Even his medical attendant did not scruple to assist in this pious enterprise. Dr. Manley’s letter to Cheetham, one of Paine’s biographers, says that he visited the dying skeptic at midnight, June 5-6, two days before he expired. After tormenting him with many questions, to which he made no answer, Dr. Manley proceeded as follows: —
Mr. Paine, you have not answered my questions; will you
answer them? Allow me to ask again, do you believe, or — let
me qualify the question — do you wish to believe that Jesus
Christ is the Son of God? After a pause of some minutes he
answered, “I have no wish to believe on that subject.” I then
left him, and know not whether he afterwards spoke to any
person on the subject.
Sherwin confirms this statement. He prints a letter from Mr. Clark, who spoke to Dr. Manley on the subject. “I asked him plainly,” said Mr. Clark, “Did Mr. Paine recant his religious sentiments? I would thank you for an explicit answer, sir. He said, “No, he did not.” [Sherwin’s Life of Paine, p. 225.]
It sounds to me like Paine handled these Christian interlopers very well, considering the circumstances.
Some boring extra details …
If you follow the links to the two webpages that I got the plain text of the above excerpt from, you’ll see that they are actually copies of a more recent version of Infidel Death-Beds, with edits and substantial additions by someone called A.D. McLaren. But the section on Paine is visible in this 1910 edition by Foote alone.

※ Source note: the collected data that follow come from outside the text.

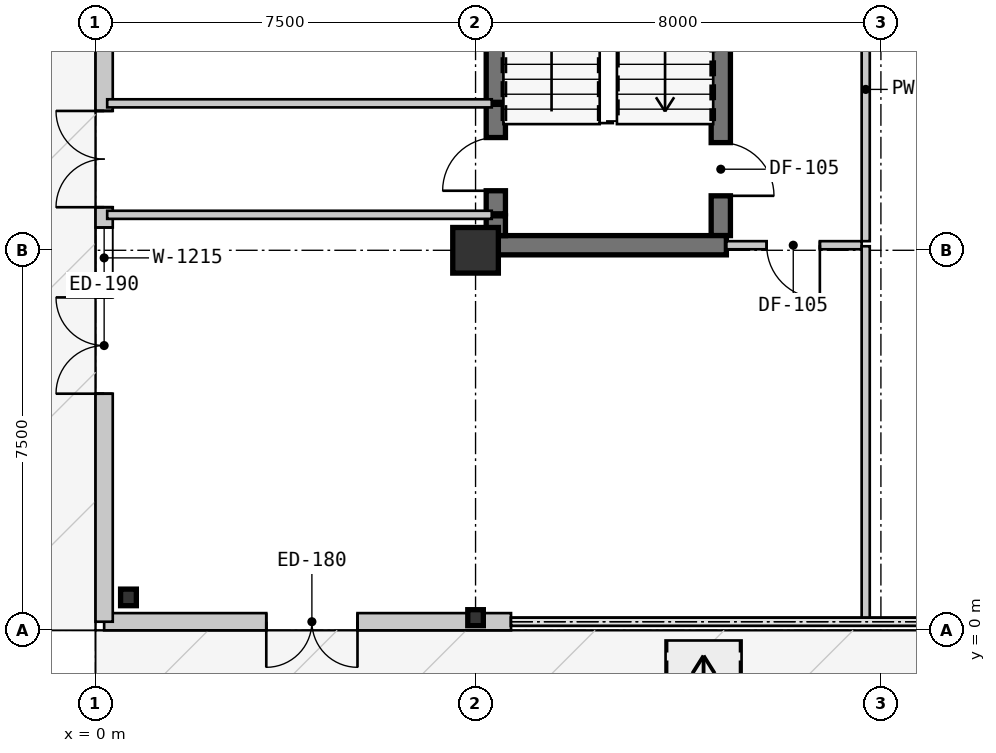
"""IFC4 building model, lengths in metres.
Left out: names, types, materials, properties, quantities, classifications, styles, units other than length and angle.
Written with IfcOpenShell. Run it as: python <this file> out.ifc"""

import sys

from ifc_helpers import new_model, si_unit, direction, frame, frame_2d, origin, origin_2d, place, context, subcontext, project, spatial, rectangle, circle, i_section, extrude, source, transform, mapped, element, fill, save


model = new_model("IFC4")
c1 = context("Model", 3, precision=1e-05, world=origin(), true_north=direction((0.0, 1.0)))
c2 = subcontext(c1, "Body", "Model", "MODEL_VIEW")
j1 = project(units=[si_unit("LENGTHUNIT", "METRE"), si_unit("PLANEANGLEUNIT", "RADIAN")], contexts=[c1])
p1 = place(None, origin())
s1 = spatial("IfcSite", under=j1, at=p1, CompositionType="ELEMENT")
p2 = place(p1, origin())
s2 = spatial("IfcBuilding", under=s1, at=p2, CompositionType="ELEMENT")
p3 = place(p2, origin())
s3 = spatial("IfcBuildingStorey", under=s2, at=p3, CompositionType="ELEMENT", Elevation=0.0)
m1 = source(origin(), c2, "Body", "SweptSolid", [
    extrude(circle(Radius=0.45, at=origin_2d()), origin(), (0.0, 0.0, 1.0), 4.55),
])
p4 = place(p3, frame((7.5, 7.5, 0.0), z_axis=(0.0, 0.0, 1.0), x_axis=(1.0, 0.0, 0.0)))
e1 = element("IfcColumn", 1, at=p4, inside=s3, PredefinedType="COLUMN", context=c2, shape_type="MappedRepresentation", body=[
    mapped(m1, transform((0.0, 0.0, 0.0), scale=1.0)),
])
m2 = source(origin(), c2, "Body", "SweptSolid", [
    extrude(i_section(OverallWidth=0.311, OverallDepth=0.327, WebThickness=0.016, FlangeThickness=0.025, at=origin_2d()), origin(), (0.0, 0.0, 1.0), 4.55),
])
p5 = place(p3, frame((0.65, 0.65, 0.0), z_axis=(0.0, 0.0, 1.0), x_axis=(1.0, 0.0, 0.0)))
e2 = element("IfcColumn", 2, at=p5, inside=s3, PredefinedType="COLUMN", context=c2, shape_type="MappedRepresentation", body=[
    mapped(m2, transform((0.0, 0.0, 0.0), scale=1.0)),
])
m3 = source(origin(), c2, "Body", "SweptSolid", [
    extrude(i_section(OverallWidth=0.307, OverallDepth=0.315, WebThickness=0.012, FlangeThickness=0.019, at=origin_2d()), origin(), (0.0, 0.0, 1.0), 4.55),
])
p6 = place(p3, frame((7.5, 0.25, 0.0), z_axis=(0.0, 0.0, 1.0), x_axis=(1.0, 0.0, 0.0)))
e3 = element("IfcColumn", 3, at=p6, inside=s3, PredefinedType="PILASTER", context=c2, shape_type="MappedRepresentation", body=[
    mapped(m3, transform((0.0, 0.0, 0.0), scale=1.0)),
])
m4 = source(origin(), c2, "Body", "SweptSolid", [
    extrude(rectangle(XDim=8.03, YDim=0.34, at=frame_2d((4.015, 0.0))), origin(), (0.0, 0.0, 1.0), 4.29),
])
p7 = place(p3, frame((0.17, 0.17, 0.0), z_axis=(0.0, 0.0, 1.0), x_axis=(1.0, 0.0, 0.0)))
e4 = element("IfcWall", 4, at=p7, inside=s3, PredefinedType="SOLIDWALL", context=c2, shape_type="MappedRepresentation", body=[
    mapped(m4, transform((0.0, 0.0, 0.0), scale=1.0)),
])
m5 = source(origin(), c2, "Body", "SweptSolid", [
    extrude(rectangle(XDim=1.8, YDim=2.3, at=frame_2d((0.9, 1.15))), frame((0.0, 0.18, 0.0), z_axis=(0.0, -1.0, 0.0), x_axis=(1.0, 0.0, 0.0)), (0.0, 0.0, 1.0), 0.36),
])
p8 = place(p7, frame((3.2, 0.0, 0.0)))
e5 = element("IfcOpeningElement", 5, at=p8, cuts=e4, PredefinedType="OPENING", context=c2, shape_type="MappedRepresentation", body=[
    mapped(m5, transform((0.0, 0.0, 0.0), scale=1.0)),
])
m6 = source(origin(), c2, "Body", "SweptSolid", [
    extrude(rectangle(XDim=39.66, YDim=0.34, at=frame_2d((19.83, 0.0))), origin(), (0.0, 0.0, 1.0), 4.29),
])
p9 = place(p3, frame((0.17, 0.17, 0.0), z_axis=(0.0, 0.0, 1.0), x_axis=(0.0, 1.0, 0.0)))
e6 = element("IfcWall", 6, at=p9, inside=s3, PredefinedType="SOLIDWALL", context=c2, shape_type="MappedRepresentation", body=[
    mapped(m6, transform((0.0, 0.0, 0.0), scale=1.0)),
])
m7 = source(origin(), c2, "Body", "SweptSolid", [
    extrude(rectangle(XDim=1.9, YDim=2.4, at=frame_2d((0.95, 1.2))), frame((0.0, 0.18, 0.0), z_axis=(0.0, -1.0, 0.0), x_axis=(1.0, 0.0, 0.0)), (0.0, 0.0, 1.0), 0.36),
])
p10 = place(p9, frame((4.5, 0.0, 0.0)))
e7 = element("IfcOpeningElement", 7, at=p10, cuts=e6, PredefinedType="OPENING", context=c2, shape_type="MappedRepresentation", body=[
    mapped(m7, transform((0.0, 0.0, 0.0), scale=1.0)),
])
p11 = place(p9, frame((17.5, 0.0, 0.0)))
e8 = element("IfcOpeningElement", 8, at=p11, cuts=e6, PredefinedType="OPENING", context=c2, shape_type="MappedRepresentation", body=[
    mapped(m7, transform((0.0, 0.0, 0.0), scale=1.0)),
])
p12 = place(p9, frame((28.0, 0.0, 0.0)))
e9 = element("IfcOpeningElement", 9, at=p12, cuts=e6, PredefinedType="OPENING", context=c2, shape_type="MappedRepresentation", body=[
    mapped(m7, transform((0.0, 0.0, 0.0), scale=1.0)),
])
p13 = place(p9, frame((8.18, 0.0, 0.0)))
e10 = element("IfcOpeningElement", 10, at=p13, cuts=e6, PredefinedType="OPENING", context=c2, shape_type="MappedRepresentation", body=[
    mapped(m7, transform((0.0, 0.0, 0.0), scale=1.0)),
])
m8 = source(origin(), c2, "Body", "SweptSolid", [
    extrude(rectangle(XDim=1.2, YDim=1.5, at=frame_2d((0.6, 0.75))), frame((0.0, 0.18, 0.0), z_axis=(0.0, -1.0, 0.0), x_axis=(1.0, 0.0, 0.0)), (0.0, 0.0, 1.0), 0.36),
])
p14 = place(p9, frame((6.58, 0.0, 0.95)))
e11 = element("IfcOpeningElement", 11, at=p14, cuts=e6, PredefinedType="OPENING", context=c2, shape_type="MappedRepresentation", body=[
    mapped(m8, transform((0.0, 0.0, 0.0), scale=1.0)),
])
m9 = source(origin(), c2, "Body", "SweptSolid", [
    extrude(rectangle(XDim=2.1, YDim=1.6, at=frame_2d((1.05, 0.8))), frame((0.0, 0.18, 0.0), z_axis=(0.0, -1.0, 0.0), x_axis=(1.0, 0.0, 0.0)), (0.0, 0.0, 1.0), 0.36),
])
p15 = place(p9, frame((34.0, 0.0, 0.95)))
e12 = element("IfcOpeningElement", 12, at=p15, cuts=e6, PredefinedType="OPENING", context=c2, shape_type="MappedRepresentation", body=[
    mapped(m9, transform((0.0, 0.0, 0.0), scale=1.0)),
])
m10 = source(origin(), c2, "Body", "SweptSolid", [
    extrude(rectangle(XDim=8.22, YDim=0.38, at=frame_2d((4.11, 0.0))), origin(), (0.0, 0.0, 1.0), 4.29),
])
p16 = place(p3, frame((12.34, 16.01, 0.0), z_axis=(0.0, 0.0, 1.0), x_axis=(0.0, -1.0, 0.0)))
e13 = element("IfcWall", 13, at=p16, inside=s3, PredefinedType="SHEAR", context=c2, shape_type="MappedRepresentation", body=[
    mapped(m10, transform((0.0, 0.0, 0.0), scale=1.0)),
])
m11 = source(origin(), c2, "Body", "SweptSolid", [
    extrude(rectangle(XDim=1.05, YDim=2.1, at=frame_2d((0.525, 1.05))), frame((0.0, 0.2, 0.0), z_axis=(0.0, -1.0, 0.0), x_axis=(1.0, 0.0, 0.0)), (0.0, 0.0, 1.0), 0.4),
])
p17 = place(p16, frame((6.385, 0.0, 0.0)))
e14 = element("IfcOpeningElement", 14, at=p17, cuts=e13, PredefinedType="OPENING", context=c2, shape_type="MappedRepresentation", body=[
    mapped(m11, transform((0.0, 0.0, 0.0), scale=1.0)),
])
m12 = source(origin(), c2, "Body", "SweptSolid", [
    extrude(rectangle(XDim=4.66, YDim=0.38, at=frame_2d((2.33, 0.0))), origin(), (0.0, 0.0, 1.0), 4.29),
])
p18 = place(p3, frame((12.45, 7.6, 0.0), z_axis=(0.0, 0.0, 1.0), x_axis=(-1.0, 0.0, 0.0)))
e15 = element("IfcWall", 15, at=p18, inside=s3, PredefinedType="SHEAR", context=c2, shape_type="MappedRepresentation", body=[
    mapped(m12, transform((0.0, 0.0, 0.0), scale=1.0)),
])
m13 = source(origin(), c2, "Body", "SweptSolid", [
    extrude(rectangle(XDim=0.39, YDim=0.38, at=frame_2d((0.195, 0.0))), origin(), (0.0, 0.0, 1.0), 4.29),
])
p19 = place(p3, frame((7.9, 7.79, 0.0), z_axis=(0.0, 0.0, 1.0), x_axis=(0.0, 1.0, 0.0)))
e16 = element("IfcWall", 16, at=p19, inside=s3, PredefinedType="SHEAR", context=c2, shape_type="MappedRepresentation", body=[
    mapped(m13, transform((0.0, 0.0, 0.0), scale=1.0)),
])
m14 = source(origin(), c2, "Body", "SweptSolid", [
    extrude(rectangle(XDim=5.59, YDim=0.38, at=frame_2d((2.795, 0.0))), origin(), (0.0, 0.0, 1.0), 4.29),
])
p20 = place(p3, frame((7.9, 10.42, 0.0), z_axis=(0.0, 0.0, 1.0), x_axis=(0.0, 1.0, 0.0)))
e17 = element("IfcWall", 17, at=p20, inside=s3, PredefinedType="SHEAR", context=c2, shape_type="MappedRepresentation", body=[
    mapped(m14, transform((0.0, 0.0, 0.0), scale=1.0)),
])
m15 = source(origin(), c2, "Body", "SweptSolid", [
    extrude(rectangle(XDim=2.16, YDim=0.38, at=frame_2d((1.08, 0.0))), origin(), (0.0, 0.0, 1.0), 4.29),
])
p21 = place(p3, frame((7.9, 8.22, 0.0), z_axis=(0.0, 0.0, 1.0), x_axis=(0.0, 1.0, 0.0)))
e18 = element("IfcWall", 18, at=p21, inside=s3, PredefinedType="SHEAR", context=c2, shape_type="MappedRepresentation", body=[
    mapped(m15, transform((0.0, 0.0, 0.0), scale=1.0)),
])
p22 = place(p21, frame((0.455, 0.0, 0.0)))
e19 = element("IfcOpeningElement", 19, at=p22, cuts=e18, PredefinedType="OPENING", context=c2, shape_type="MappedRepresentation", body=[
    mapped(m11, transform((0.0, 0.0, 0.0), scale=1.0)),
])
m16 = source(origin(), c2, "Body", "SweptSolid", [
    extrude(rectangle(XDim=13.44, YDim=0.16, at=frame_2d((6.72, 0.0))), origin(), (0.0, 0.0, 1.0), 4.29),
])
p23 = place(p3, frame((15.2, 21.12, 0.0), z_axis=(0.0, 0.0, 1.0), x_axis=(0.0, -1.0, 0.0)))
e20 = element("IfcWall", 20, at=p23, inside=s3, PredefinedType="PARTITIONING", context=c2, shape_type="MappedRepresentation", body=[
    mapped(m16, transform((0.0, 0.0, 0.0), scale=1.0)),
])
m17 = source(origin(), c2, "Body", "SweptSolid", [
    extrude(rectangle(XDim=0.92, YDim=2.1, at=frame_2d((0.46, 1.05))), frame((0.0, 0.09, 0.0), z_axis=(0.0, -1.0, 0.0), x_axis=(1.0, 0.0, 0.0)), (0.0, 0.0, 1.0), 0.18),
])
p24 = place(p23, frame((6.23, 0.0, 0.0)))
e21 = element("IfcOpeningElement", 21, at=p24, cuts=e20, PredefinedType="OPENING", context=c2, shape_type="MappedRepresentation", body=[
    mapped(m17, transform((0.0, 0.0, 0.0), scale=1.0)),
])
m18 = source(origin(), c2, "Body", "SweptSolid", [
    extrude(rectangle(XDim=2.67, YDim=0.16, at=frame_2d((1.335, 0.0))), origin(), (0.0, 0.0, 1.0), 4.29),
])
p25 = place(p3, frame((15.12, 7.6, 0.0), z_axis=(0.0, 0.0, 1.0), x_axis=(-1.0, 0.0, 0.0)))
e22 = element("IfcWall", 22, at=p25, inside=s3, PredefinedType="PARTITIONING", context=c2, shape_type="MappedRepresentation", body=[
    mapped(m18, transform((0.0, 0.0, 0.0), scale=1.0)),
])
m19 = source(origin(), c2, "Body", "SweptSolid", [
    extrude(rectangle(XDim=1.05, YDim=2.1, at=frame_2d((0.525, 1.05))), frame((0.0, 0.09, 0.0), z_axis=(0.0, -1.0, 0.0), x_axis=(1.0, 0.0, 0.0)), (0.0, 0.0, 1.0), 0.18),
])
p26 = place(p25, frame((0.825, 0.0, 0.0)))
e23 = element("IfcOpeningElement", 23, at=p26, cuts=e22, PredefinedType="OPENING", context=c2, shape_type="MappedRepresentation", body=[
    mapped(m19, transform((0.0, 0.0, 0.0), scale=1.0)),
])
m20 = source(origin(), c2, "Body", "SweptSolid", [
    extrude(rectangle(XDim=7.35, YDim=0.16, at=frame_2d((3.675, 0.0))), origin(), (0.0, 0.0, 1.0), 4.29),
])
p27 = place(p3, frame((15.2, 0.23, 0.0), z_axis=(0.0, 0.0, 1.0), x_axis=(0.0, 1.0, 0.0)))
e24 = element("IfcWall", 24, at=p27, inside=s3, PredefinedType="PARTITIONING", context=c2, shape_type="MappedRepresentation", body=[
    mapped(m20, transform((0.0, 0.0, 0.0), scale=1.0)),
])
m21 = source(origin(), c2, "Body", "SweptSolid", [
    extrude(rectangle(XDim=7.59, YDim=0.16, at=frame_2d((3.795, 0.0))), origin(), (0.0, 0.0, 1.0), 4.29),
])
for number, where, z_axis, x_axis in (
    (25, (0.23, 8.2, 0.0), (0.0, 0.0, 1.0), (1.0, 0.0, 0.0)),
    (26, (7.82, 10.4, 0.0), (0.0, 0.0, 1.0), (-1.0, 0.0, 0.0)),
):
    element("IfcWall", number, at=place(p3, frame(where, z_axis=z_axis, x_axis=x_axis)), inside=s3, PredefinedType="PARTITIONING", context=c2, shape_type="MappedRepresentation", body=[
        mapped(m21, transform((0.0, 0.0, 0.0), scale=1.0)),
    ])
m22 = source(origin(), c2, "Body", "SweptSolid", [
    extrude(rectangle(XDim=1.8, YDim=2.3, at=frame_2d((0.9, 1.15))), frame((0.0, 0.025, 0.0), z_axis=(0.0, -1.0, 0.0), x_axis=(1.0, 0.0, 0.0)), (0.0, 0.0, 1.0), 0.05),
])
p28 = place(p8, frame((1.8, 0.0, 0.0), z_axis=(0.0, 0.0, 1.0), x_axis=(-1.0, 0.0, 0.0)))
e27 = element("IfcDoor", 27, at=p28, inside=s3, OperationType="DOUBLE_DOOR_SINGLE_SWING", PredefinedType="DOOR", context=c2, shape_type="MappedRepresentation", body=[
    mapped(m22, transform((0.0, 0.0, 0.0), scale=1.0)),
])
fill(e5, e27)
m23 = source(origin(), c2, "Body", "SweptSolid", [
    extrude(rectangle(XDim=1.9, YDim=2.4, at=frame_2d((0.95, 1.2))), frame((0.0, 0.025, 0.0), z_axis=(0.0, -1.0, 0.0), x_axis=(1.0, 0.0, 0.0)), (0.0, 0.0, 1.0), 0.05),
])
p29 = place(p10, origin())
e28 = element("IfcDoor", 28, at=p29, inside=s3, OperationType="DOUBLE_DOOR_SINGLE_SWING", PredefinedType="DOOR", context=c2, shape_type="MappedRepresentation", body=[
    mapped(m23, transform((0.0, 0.0, 0.0), scale=1.0)),
])
fill(e7, e28)
p30 = place(p13, origin())
e29 = element("IfcDoor", 29, at=p30, inside=s3, OperationType="DOUBLE_DOOR_SINGLE_SWING", PredefinedType="DOOR", context=c2, shape_type="MappedRepresentation", body=[
    mapped(m23, transform((0.0, 0.0, 0.0), scale=1.0)),
])
fill(e10, e29)
m24 = source(origin(), c2, "Body", "SweptSolid", [
    extrude(rectangle(XDim=1.2, YDim=1.5, at=frame_2d((0.6, 0.75))), frame((0.0, 0.03, 0.0), z_axis=(0.0, -1.0, 0.0), x_axis=(1.0, 0.0, 0.0)), (0.0, 0.0, 1.0), 0.06),
])
p31 = place(p14, origin())
e30 = element("IfcWindow", 30, at=p31, inside=s3, PartitioningType="SINGLE_PANEL", PredefinedType="WINDOW", context=c2, shape_type="MappedRepresentation", body=[
    mapped(m24, transform((0.0, 0.0, 0.0), scale=1.0)),
])
fill(e11, e30)
m25 = source(origin(), c2, "Body", "SweptSolid", [
    extrude(rectangle(XDim=1.05, YDim=2.1, at=frame_2d((0.525, 1.05))), frame((0.0, 0.025, 0.0), z_axis=(0.0, -1.0, 0.0), x_axis=(1.0, 0.0, 0.0)), (0.0, 0.0, 1.0), 0.05),
])
p32 = place(p17, origin())
e31 = element("IfcDoor", 31, at=p32, inside=s3, OperationType="SINGLE_SWING_RIGHT", PredefinedType="DOOR", context=c2, shape_type="MappedRepresentation", body=[
    mapped(m25, transform((0.0, 0.0, 0.0), scale=1.0)),
])
fill(e14, e31)
p33 = place(p26, origin())
e32 = element("IfcDoor", 32, at=p33, inside=s3, OperationType="SINGLE_SWING_LEFT", PredefinedType="DOOR", context=c2, shape_type="MappedRepresentation", body=[
    mapped(m25, transform((0.0, 0.0, 0.0), scale=1.0)),
])
fill(e23, e32)
p34 = place(p22, origin())
e33 = element("IfcDoor", 33, at=p34, inside=s3, OperationType="SINGLE_SWING_LEFT", PredefinedType="DOOR", context=c2, shape_type="MappedRepresentation", body=[
    mapped(m25, transform((0.0, 0.0, 0.0), scale=1.0)),
])
fill(e19, e33)
save(model, sys.argv[1])

If you’re interested, something claiming to be the 1888 edition was made available in 2010 as a facsimile reprint, yet claims to have A D McLaren as the editor. I don’t have access to this book in any format, so I don’t know how to reconcile these claims with my suspicion that A D McLaren wasn’t involved with the book until after Foote’s death in 1915.
I mentioned that Foote’s book mostly acts as a rebuttal to claims of deathbed conversion and recantation by famous heretics. If you’re interested in that area, Robert Ingersoll seems to have written a whole book just to defend Paine against these Christian claims, called The Vindication of Thomas Paine (available here and here) (1877). For more recent coverage of the subject, there’s a 2005 article about Paine, Voltaire, Darwin, and others, and a 2016 article on the claims made about Christopher Hitchens (which also mentions Paine).